The role works closely with five disciplines within the Cyber Security Team, Enterprise Architecture, Technical Teams, IT Service Providers, Project, Innovation, and business stakeholders to implement and optimise the security infrastructure, systems, and services. The key measure of success for this role is upholding and enhancing the cyber security posture of UK Power Networks through training and awareness across the business.

Qualifications:

• Experience developing and delivering cyber security training and awareness programmes, preferably in a large organisation.
• The ability to apply the principles and methods of instructional design and development to create engaging cyber security learning materials, such as courses, modules, videos, games, simulations, quizzes, etc.
• The ability to deliver and facilitate cyber security training and awareness sessions using different modes and platforms and to adapt to the needs and preferences of different learners and groups.
• The ability to communicate and present technical cyber security information in a concise, and compelling way, using appropriate language and visuals, and tailor the message to the audience and the context.
• The ability to identify, engage, and collaborate with various stakeholders, such as management, EMT, SMT, IT, HR, legal, compliance to align the cyber security training and awareness objectives with the organizational goals and policies, and to obtain their support and feedback.
• The ability to evaluate the effectiveness and impact of the cyber security training and awareness programs and to use the results to improve the design, development, and delivery of the programs.
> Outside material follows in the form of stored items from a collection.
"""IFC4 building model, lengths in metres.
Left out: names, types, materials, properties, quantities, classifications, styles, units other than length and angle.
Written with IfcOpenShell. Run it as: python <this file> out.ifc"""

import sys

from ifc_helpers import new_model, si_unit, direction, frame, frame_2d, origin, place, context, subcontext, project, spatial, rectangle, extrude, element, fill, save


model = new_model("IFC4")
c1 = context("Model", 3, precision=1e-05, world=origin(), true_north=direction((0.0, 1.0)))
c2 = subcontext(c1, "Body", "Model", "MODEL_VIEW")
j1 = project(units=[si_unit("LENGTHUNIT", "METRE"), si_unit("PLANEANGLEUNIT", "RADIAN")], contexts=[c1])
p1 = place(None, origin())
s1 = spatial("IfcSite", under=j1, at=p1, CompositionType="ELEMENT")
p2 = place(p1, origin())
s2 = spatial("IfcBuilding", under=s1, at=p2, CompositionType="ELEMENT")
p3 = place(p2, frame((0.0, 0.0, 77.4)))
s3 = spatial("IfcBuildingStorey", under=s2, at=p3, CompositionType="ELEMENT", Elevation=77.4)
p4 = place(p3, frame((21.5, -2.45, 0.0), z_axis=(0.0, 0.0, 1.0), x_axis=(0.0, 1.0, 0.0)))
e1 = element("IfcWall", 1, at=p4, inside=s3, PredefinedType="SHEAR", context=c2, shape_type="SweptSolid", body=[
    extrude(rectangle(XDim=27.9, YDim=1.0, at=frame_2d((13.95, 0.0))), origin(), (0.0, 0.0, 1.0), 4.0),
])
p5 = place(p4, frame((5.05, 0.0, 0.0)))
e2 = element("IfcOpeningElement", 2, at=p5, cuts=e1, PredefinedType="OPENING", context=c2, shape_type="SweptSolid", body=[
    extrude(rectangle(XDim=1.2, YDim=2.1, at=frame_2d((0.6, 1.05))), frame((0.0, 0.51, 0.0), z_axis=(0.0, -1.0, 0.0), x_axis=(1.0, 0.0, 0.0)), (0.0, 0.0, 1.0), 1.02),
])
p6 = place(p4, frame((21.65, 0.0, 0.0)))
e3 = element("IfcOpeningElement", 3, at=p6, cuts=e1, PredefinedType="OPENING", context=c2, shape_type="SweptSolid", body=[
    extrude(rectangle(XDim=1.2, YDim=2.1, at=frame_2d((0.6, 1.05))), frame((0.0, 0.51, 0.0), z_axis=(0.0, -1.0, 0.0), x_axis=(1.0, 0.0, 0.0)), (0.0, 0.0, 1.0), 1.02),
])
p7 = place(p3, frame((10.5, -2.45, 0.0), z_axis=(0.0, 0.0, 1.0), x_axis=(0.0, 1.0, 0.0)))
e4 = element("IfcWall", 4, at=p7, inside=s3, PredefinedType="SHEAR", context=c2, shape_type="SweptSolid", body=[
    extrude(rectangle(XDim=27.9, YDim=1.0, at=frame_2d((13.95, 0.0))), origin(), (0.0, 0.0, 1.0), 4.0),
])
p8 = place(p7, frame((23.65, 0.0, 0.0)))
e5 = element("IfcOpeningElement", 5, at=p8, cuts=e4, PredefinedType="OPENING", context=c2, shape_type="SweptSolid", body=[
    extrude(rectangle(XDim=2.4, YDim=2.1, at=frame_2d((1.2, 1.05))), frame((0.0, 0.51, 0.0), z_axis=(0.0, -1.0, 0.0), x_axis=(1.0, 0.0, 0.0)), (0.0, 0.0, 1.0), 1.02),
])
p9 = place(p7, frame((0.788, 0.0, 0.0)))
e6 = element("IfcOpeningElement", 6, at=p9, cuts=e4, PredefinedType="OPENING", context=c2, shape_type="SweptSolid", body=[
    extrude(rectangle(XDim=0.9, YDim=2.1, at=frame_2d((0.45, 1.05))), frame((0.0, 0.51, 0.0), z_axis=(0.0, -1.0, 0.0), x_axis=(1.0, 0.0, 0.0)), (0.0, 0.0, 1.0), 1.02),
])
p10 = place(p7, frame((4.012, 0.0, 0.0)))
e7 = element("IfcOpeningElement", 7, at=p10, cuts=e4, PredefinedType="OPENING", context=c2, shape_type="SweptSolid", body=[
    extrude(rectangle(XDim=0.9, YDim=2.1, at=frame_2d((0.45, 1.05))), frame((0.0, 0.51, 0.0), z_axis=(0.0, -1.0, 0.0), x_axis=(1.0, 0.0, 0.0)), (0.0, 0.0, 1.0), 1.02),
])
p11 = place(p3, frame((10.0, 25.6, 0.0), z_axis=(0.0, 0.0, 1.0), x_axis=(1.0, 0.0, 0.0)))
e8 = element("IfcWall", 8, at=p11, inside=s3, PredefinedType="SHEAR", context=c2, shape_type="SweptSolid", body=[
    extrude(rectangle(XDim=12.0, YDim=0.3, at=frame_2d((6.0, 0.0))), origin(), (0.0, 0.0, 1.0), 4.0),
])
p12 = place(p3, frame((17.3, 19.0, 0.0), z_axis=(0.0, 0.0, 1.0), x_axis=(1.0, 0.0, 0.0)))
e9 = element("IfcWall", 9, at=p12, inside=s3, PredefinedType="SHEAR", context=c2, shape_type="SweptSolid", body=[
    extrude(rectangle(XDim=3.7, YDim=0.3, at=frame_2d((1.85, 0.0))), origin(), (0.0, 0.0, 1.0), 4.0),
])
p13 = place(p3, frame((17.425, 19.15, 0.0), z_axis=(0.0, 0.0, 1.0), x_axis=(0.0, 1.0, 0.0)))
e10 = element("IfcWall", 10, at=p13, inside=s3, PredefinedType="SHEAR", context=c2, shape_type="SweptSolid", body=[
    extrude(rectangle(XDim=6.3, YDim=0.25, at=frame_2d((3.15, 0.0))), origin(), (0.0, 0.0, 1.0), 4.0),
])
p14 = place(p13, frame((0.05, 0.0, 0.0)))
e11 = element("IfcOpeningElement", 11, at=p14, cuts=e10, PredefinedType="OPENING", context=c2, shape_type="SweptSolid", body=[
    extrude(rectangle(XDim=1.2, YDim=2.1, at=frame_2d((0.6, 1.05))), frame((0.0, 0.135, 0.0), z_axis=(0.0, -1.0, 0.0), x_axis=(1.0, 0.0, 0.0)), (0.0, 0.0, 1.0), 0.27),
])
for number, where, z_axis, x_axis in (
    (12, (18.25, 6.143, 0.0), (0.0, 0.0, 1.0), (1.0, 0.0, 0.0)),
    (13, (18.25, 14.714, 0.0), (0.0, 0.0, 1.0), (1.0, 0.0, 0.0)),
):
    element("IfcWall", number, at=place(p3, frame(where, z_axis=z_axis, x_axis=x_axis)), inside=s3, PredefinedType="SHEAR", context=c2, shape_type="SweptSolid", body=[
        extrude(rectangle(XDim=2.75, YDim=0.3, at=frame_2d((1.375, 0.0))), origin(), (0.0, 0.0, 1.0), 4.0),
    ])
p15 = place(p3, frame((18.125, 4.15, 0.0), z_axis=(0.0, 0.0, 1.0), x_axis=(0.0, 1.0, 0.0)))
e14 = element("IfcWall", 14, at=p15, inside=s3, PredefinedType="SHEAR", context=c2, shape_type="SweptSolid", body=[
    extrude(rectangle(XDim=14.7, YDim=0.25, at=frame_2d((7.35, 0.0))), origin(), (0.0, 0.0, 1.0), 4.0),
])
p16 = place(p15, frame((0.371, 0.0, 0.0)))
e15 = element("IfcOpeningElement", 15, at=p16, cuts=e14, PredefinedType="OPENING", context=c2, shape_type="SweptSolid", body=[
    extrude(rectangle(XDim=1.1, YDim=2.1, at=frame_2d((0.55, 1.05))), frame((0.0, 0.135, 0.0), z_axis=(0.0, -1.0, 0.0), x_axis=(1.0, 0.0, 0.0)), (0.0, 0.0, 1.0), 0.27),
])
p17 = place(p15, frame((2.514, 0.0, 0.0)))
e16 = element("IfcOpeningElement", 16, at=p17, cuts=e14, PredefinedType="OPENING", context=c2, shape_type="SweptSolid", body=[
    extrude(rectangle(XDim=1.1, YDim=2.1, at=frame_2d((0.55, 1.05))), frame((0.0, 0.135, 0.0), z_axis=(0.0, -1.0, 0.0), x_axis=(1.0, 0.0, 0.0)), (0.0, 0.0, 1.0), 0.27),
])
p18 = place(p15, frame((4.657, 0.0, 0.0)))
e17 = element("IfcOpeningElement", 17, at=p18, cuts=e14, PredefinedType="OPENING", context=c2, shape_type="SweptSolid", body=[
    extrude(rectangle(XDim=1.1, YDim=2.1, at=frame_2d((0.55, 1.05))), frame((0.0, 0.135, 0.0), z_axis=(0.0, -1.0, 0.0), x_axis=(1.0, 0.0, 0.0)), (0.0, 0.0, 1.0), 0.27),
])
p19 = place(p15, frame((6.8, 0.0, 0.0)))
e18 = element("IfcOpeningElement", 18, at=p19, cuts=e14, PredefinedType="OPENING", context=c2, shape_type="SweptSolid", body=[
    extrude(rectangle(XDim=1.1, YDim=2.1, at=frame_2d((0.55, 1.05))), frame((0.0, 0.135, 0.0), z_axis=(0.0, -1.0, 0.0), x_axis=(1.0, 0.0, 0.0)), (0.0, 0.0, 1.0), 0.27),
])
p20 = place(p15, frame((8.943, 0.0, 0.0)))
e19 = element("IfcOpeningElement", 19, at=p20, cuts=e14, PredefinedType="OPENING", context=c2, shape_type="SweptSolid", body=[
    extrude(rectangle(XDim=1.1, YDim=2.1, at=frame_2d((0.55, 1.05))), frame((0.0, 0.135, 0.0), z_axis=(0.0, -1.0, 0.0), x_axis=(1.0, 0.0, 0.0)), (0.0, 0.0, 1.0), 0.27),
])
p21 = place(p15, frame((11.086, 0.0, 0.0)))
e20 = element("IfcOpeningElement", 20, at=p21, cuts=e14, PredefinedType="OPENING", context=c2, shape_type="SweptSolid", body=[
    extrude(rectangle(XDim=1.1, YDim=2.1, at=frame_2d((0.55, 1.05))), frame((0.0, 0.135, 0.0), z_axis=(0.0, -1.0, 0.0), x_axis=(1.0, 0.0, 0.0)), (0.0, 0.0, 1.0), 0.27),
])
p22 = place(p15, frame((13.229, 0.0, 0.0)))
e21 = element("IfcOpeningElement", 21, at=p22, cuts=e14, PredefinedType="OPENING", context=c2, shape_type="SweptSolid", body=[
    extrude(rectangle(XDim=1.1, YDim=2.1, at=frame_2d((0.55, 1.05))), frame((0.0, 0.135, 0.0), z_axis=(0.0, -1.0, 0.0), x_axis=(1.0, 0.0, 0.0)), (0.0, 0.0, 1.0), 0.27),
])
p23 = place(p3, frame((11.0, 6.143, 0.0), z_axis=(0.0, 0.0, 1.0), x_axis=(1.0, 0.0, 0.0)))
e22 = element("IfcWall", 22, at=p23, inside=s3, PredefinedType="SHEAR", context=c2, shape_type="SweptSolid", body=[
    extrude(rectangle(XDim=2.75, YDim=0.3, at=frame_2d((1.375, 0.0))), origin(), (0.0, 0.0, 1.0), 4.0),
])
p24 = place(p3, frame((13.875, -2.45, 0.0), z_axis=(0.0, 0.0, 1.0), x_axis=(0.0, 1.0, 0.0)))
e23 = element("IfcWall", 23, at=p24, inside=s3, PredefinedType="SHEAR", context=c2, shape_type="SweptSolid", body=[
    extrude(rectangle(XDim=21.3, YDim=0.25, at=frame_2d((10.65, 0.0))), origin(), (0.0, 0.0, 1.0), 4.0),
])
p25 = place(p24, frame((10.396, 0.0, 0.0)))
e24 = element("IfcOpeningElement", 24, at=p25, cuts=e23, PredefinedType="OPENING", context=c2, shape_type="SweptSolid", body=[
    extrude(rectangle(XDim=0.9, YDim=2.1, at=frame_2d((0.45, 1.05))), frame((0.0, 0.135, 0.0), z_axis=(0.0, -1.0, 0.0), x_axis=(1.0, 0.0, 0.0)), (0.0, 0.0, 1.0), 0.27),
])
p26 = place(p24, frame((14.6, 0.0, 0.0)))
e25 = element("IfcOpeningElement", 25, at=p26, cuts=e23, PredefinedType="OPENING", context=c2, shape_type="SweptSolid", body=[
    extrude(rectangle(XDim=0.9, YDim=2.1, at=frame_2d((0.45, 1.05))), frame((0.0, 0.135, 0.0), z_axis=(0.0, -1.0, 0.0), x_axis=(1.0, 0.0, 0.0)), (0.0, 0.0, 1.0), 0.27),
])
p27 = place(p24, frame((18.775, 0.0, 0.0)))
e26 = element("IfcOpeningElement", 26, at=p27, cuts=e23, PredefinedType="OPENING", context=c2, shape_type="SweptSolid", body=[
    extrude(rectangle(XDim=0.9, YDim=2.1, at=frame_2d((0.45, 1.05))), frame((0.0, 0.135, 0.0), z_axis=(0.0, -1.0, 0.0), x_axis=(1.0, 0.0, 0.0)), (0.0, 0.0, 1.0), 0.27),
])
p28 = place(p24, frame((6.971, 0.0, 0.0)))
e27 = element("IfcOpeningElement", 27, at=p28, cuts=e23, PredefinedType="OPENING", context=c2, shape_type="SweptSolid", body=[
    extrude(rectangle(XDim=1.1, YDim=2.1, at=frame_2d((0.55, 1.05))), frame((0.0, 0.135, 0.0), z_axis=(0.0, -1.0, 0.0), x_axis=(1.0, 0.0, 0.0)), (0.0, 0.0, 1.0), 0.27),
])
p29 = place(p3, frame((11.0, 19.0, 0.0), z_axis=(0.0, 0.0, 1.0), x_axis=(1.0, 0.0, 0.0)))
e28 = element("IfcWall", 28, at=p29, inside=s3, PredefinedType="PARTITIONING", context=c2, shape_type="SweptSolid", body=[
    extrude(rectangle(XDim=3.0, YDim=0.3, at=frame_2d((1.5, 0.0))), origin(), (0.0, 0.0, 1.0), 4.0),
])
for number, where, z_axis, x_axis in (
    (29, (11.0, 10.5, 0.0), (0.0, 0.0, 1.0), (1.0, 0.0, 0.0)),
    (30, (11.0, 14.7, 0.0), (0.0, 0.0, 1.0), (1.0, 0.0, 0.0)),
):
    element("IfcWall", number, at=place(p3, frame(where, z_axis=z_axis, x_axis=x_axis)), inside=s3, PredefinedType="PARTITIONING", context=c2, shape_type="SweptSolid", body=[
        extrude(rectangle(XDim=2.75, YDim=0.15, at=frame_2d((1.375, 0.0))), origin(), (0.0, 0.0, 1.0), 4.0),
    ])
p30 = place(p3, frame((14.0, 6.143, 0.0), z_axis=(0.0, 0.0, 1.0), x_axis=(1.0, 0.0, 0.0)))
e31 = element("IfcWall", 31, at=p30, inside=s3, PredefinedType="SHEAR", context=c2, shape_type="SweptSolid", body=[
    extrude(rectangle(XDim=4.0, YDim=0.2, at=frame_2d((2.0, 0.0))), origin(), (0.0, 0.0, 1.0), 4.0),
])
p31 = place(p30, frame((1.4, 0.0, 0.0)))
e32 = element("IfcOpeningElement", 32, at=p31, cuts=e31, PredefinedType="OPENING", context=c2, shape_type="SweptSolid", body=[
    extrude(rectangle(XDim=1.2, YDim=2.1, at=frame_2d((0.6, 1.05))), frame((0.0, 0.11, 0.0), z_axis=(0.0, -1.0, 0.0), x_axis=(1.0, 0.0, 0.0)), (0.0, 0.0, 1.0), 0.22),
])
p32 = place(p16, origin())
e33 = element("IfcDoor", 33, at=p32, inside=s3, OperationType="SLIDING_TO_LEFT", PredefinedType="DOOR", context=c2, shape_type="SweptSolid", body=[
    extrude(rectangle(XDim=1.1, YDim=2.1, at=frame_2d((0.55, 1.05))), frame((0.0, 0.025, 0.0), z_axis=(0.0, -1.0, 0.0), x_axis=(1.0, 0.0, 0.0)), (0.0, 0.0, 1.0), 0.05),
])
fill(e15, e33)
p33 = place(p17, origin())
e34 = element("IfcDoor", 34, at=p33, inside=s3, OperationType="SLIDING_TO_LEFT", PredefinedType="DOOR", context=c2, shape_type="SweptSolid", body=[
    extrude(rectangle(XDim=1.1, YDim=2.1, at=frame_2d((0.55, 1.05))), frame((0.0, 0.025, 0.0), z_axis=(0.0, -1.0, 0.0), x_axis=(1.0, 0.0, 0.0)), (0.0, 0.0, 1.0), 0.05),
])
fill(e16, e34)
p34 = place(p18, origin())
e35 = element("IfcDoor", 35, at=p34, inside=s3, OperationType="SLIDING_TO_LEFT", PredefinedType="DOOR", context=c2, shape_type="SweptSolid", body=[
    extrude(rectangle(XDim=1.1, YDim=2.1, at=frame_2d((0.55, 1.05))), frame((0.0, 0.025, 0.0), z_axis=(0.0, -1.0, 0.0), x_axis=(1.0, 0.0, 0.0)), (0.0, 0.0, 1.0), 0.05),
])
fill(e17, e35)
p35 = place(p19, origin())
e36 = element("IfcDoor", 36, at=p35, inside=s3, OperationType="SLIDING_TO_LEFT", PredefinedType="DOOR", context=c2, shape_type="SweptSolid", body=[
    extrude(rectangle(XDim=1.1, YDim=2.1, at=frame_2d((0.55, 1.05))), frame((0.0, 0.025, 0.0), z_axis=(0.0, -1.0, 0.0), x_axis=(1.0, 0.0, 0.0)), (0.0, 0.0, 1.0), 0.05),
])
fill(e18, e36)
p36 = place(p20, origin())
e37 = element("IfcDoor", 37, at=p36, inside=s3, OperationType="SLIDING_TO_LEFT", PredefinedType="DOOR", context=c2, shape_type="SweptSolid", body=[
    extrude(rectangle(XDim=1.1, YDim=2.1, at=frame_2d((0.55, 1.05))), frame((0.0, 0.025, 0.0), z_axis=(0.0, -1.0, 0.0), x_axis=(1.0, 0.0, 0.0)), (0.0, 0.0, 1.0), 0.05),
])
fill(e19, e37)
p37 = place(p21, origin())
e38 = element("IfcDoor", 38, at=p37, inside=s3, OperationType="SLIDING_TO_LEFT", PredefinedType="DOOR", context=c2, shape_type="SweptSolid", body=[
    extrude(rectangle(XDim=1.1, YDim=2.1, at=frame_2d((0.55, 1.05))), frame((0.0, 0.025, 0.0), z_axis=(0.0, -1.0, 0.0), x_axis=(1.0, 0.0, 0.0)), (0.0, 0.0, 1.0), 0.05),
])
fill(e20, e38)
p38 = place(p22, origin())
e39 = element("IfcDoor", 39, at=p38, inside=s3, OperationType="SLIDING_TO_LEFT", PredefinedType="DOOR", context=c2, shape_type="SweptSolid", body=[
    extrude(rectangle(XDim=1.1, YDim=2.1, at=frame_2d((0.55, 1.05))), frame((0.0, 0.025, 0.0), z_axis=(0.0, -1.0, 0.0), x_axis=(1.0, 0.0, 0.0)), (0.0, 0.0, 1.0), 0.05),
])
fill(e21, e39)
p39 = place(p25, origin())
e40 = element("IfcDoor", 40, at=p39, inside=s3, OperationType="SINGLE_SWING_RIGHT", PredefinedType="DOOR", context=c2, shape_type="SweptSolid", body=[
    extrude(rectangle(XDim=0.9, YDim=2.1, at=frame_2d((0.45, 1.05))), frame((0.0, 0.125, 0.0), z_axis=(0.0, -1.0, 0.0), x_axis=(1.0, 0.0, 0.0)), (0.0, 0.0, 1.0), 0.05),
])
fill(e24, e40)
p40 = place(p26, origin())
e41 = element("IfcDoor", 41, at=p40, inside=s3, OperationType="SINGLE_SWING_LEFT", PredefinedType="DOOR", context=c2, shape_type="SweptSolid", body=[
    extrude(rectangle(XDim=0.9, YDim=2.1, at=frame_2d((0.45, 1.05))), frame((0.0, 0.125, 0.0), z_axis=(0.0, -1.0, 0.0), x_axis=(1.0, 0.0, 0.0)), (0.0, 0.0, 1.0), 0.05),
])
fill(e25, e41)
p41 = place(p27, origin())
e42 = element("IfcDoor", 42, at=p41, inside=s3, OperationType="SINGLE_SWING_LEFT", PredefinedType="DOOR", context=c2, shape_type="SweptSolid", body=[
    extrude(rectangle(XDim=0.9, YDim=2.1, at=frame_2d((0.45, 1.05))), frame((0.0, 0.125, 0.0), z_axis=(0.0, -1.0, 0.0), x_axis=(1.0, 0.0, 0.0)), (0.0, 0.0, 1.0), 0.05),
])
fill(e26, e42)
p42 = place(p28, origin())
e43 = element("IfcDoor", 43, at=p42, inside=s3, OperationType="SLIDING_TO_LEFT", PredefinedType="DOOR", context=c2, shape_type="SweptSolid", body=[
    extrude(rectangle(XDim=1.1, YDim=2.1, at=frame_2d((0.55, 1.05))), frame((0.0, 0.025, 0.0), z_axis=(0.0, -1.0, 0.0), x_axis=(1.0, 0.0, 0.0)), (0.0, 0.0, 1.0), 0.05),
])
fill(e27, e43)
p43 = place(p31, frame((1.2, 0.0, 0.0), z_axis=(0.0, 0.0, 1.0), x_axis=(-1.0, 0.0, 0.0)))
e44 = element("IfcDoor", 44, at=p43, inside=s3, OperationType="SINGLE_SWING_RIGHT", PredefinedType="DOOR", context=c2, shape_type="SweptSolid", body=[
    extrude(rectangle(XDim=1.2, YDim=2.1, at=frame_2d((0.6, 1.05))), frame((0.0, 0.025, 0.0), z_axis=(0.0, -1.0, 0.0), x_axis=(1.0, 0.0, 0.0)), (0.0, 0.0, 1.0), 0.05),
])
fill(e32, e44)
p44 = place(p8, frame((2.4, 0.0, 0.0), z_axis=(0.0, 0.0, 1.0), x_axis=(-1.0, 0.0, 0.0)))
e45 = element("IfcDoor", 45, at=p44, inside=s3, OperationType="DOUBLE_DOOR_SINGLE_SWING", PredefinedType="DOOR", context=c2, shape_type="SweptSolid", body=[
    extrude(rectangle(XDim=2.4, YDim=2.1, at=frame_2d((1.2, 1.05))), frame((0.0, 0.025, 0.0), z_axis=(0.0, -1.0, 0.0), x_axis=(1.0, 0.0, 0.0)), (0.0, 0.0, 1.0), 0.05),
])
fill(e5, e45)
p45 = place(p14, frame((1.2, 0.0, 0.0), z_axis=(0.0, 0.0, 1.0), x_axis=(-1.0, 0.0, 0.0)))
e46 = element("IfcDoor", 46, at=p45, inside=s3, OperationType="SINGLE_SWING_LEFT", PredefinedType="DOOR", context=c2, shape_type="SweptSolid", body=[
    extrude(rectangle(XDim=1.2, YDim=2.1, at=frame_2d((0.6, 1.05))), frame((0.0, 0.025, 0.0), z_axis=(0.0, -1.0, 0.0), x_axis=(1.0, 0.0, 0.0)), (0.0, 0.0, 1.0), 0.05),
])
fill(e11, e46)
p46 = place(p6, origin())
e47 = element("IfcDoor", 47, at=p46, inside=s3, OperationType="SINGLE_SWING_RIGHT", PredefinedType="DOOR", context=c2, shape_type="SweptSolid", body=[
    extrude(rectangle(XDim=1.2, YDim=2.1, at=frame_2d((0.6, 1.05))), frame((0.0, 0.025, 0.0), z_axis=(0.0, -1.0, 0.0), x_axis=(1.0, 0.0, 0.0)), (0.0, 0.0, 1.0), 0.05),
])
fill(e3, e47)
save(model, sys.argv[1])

Certifications: A bachelor's degree in cyber security, information technology, education, communication, or related field, or equivalent work experience. Cyber Security Frameworks: Working knowledge of Cyber Essentials, ISO27001:2022, CSA Cloud Controls Matrix, NCSC CAF and GDPR, is important to ensure that data is being managed in a compliant manner.

Health & Safety Responsibilities: Managers and supervisors carry both legal and company responsibilities for ensuring the health and safety of their employees, those under their control and those who might be affected by the work undertaken, i.e. public, visitors and employees of other organisations. This includes briefing individuals working for them and ensuring there is the necessary understanding, competence and application of requirements to work safely and without harming the environment. Employees will ensure they understand the health and safety risks involved in their work activities and their responsibility to apply the controls needed to manage those risks to acceptable levels. Similarly where work activities can have an adverse impact upon the environment, and where there are legal requirements, employees will understand those impacts and the controls they must ensure are applied.

Equal Employment Opportunity: We are committed to equal employment opportunity regardless of race, colour, ancestry, religion, sex, national origin, sexual orientation, age, citizenship, marital status, disability, gender, gender identity or expression, or veteran status. We are proud to be an equal opportunity workplace.

Safeguarding: We are committed to safeguarding and promoting the welfare of children and young people. Where applicable, this role is subject to safer recruitment processes and robust pre-employment checks.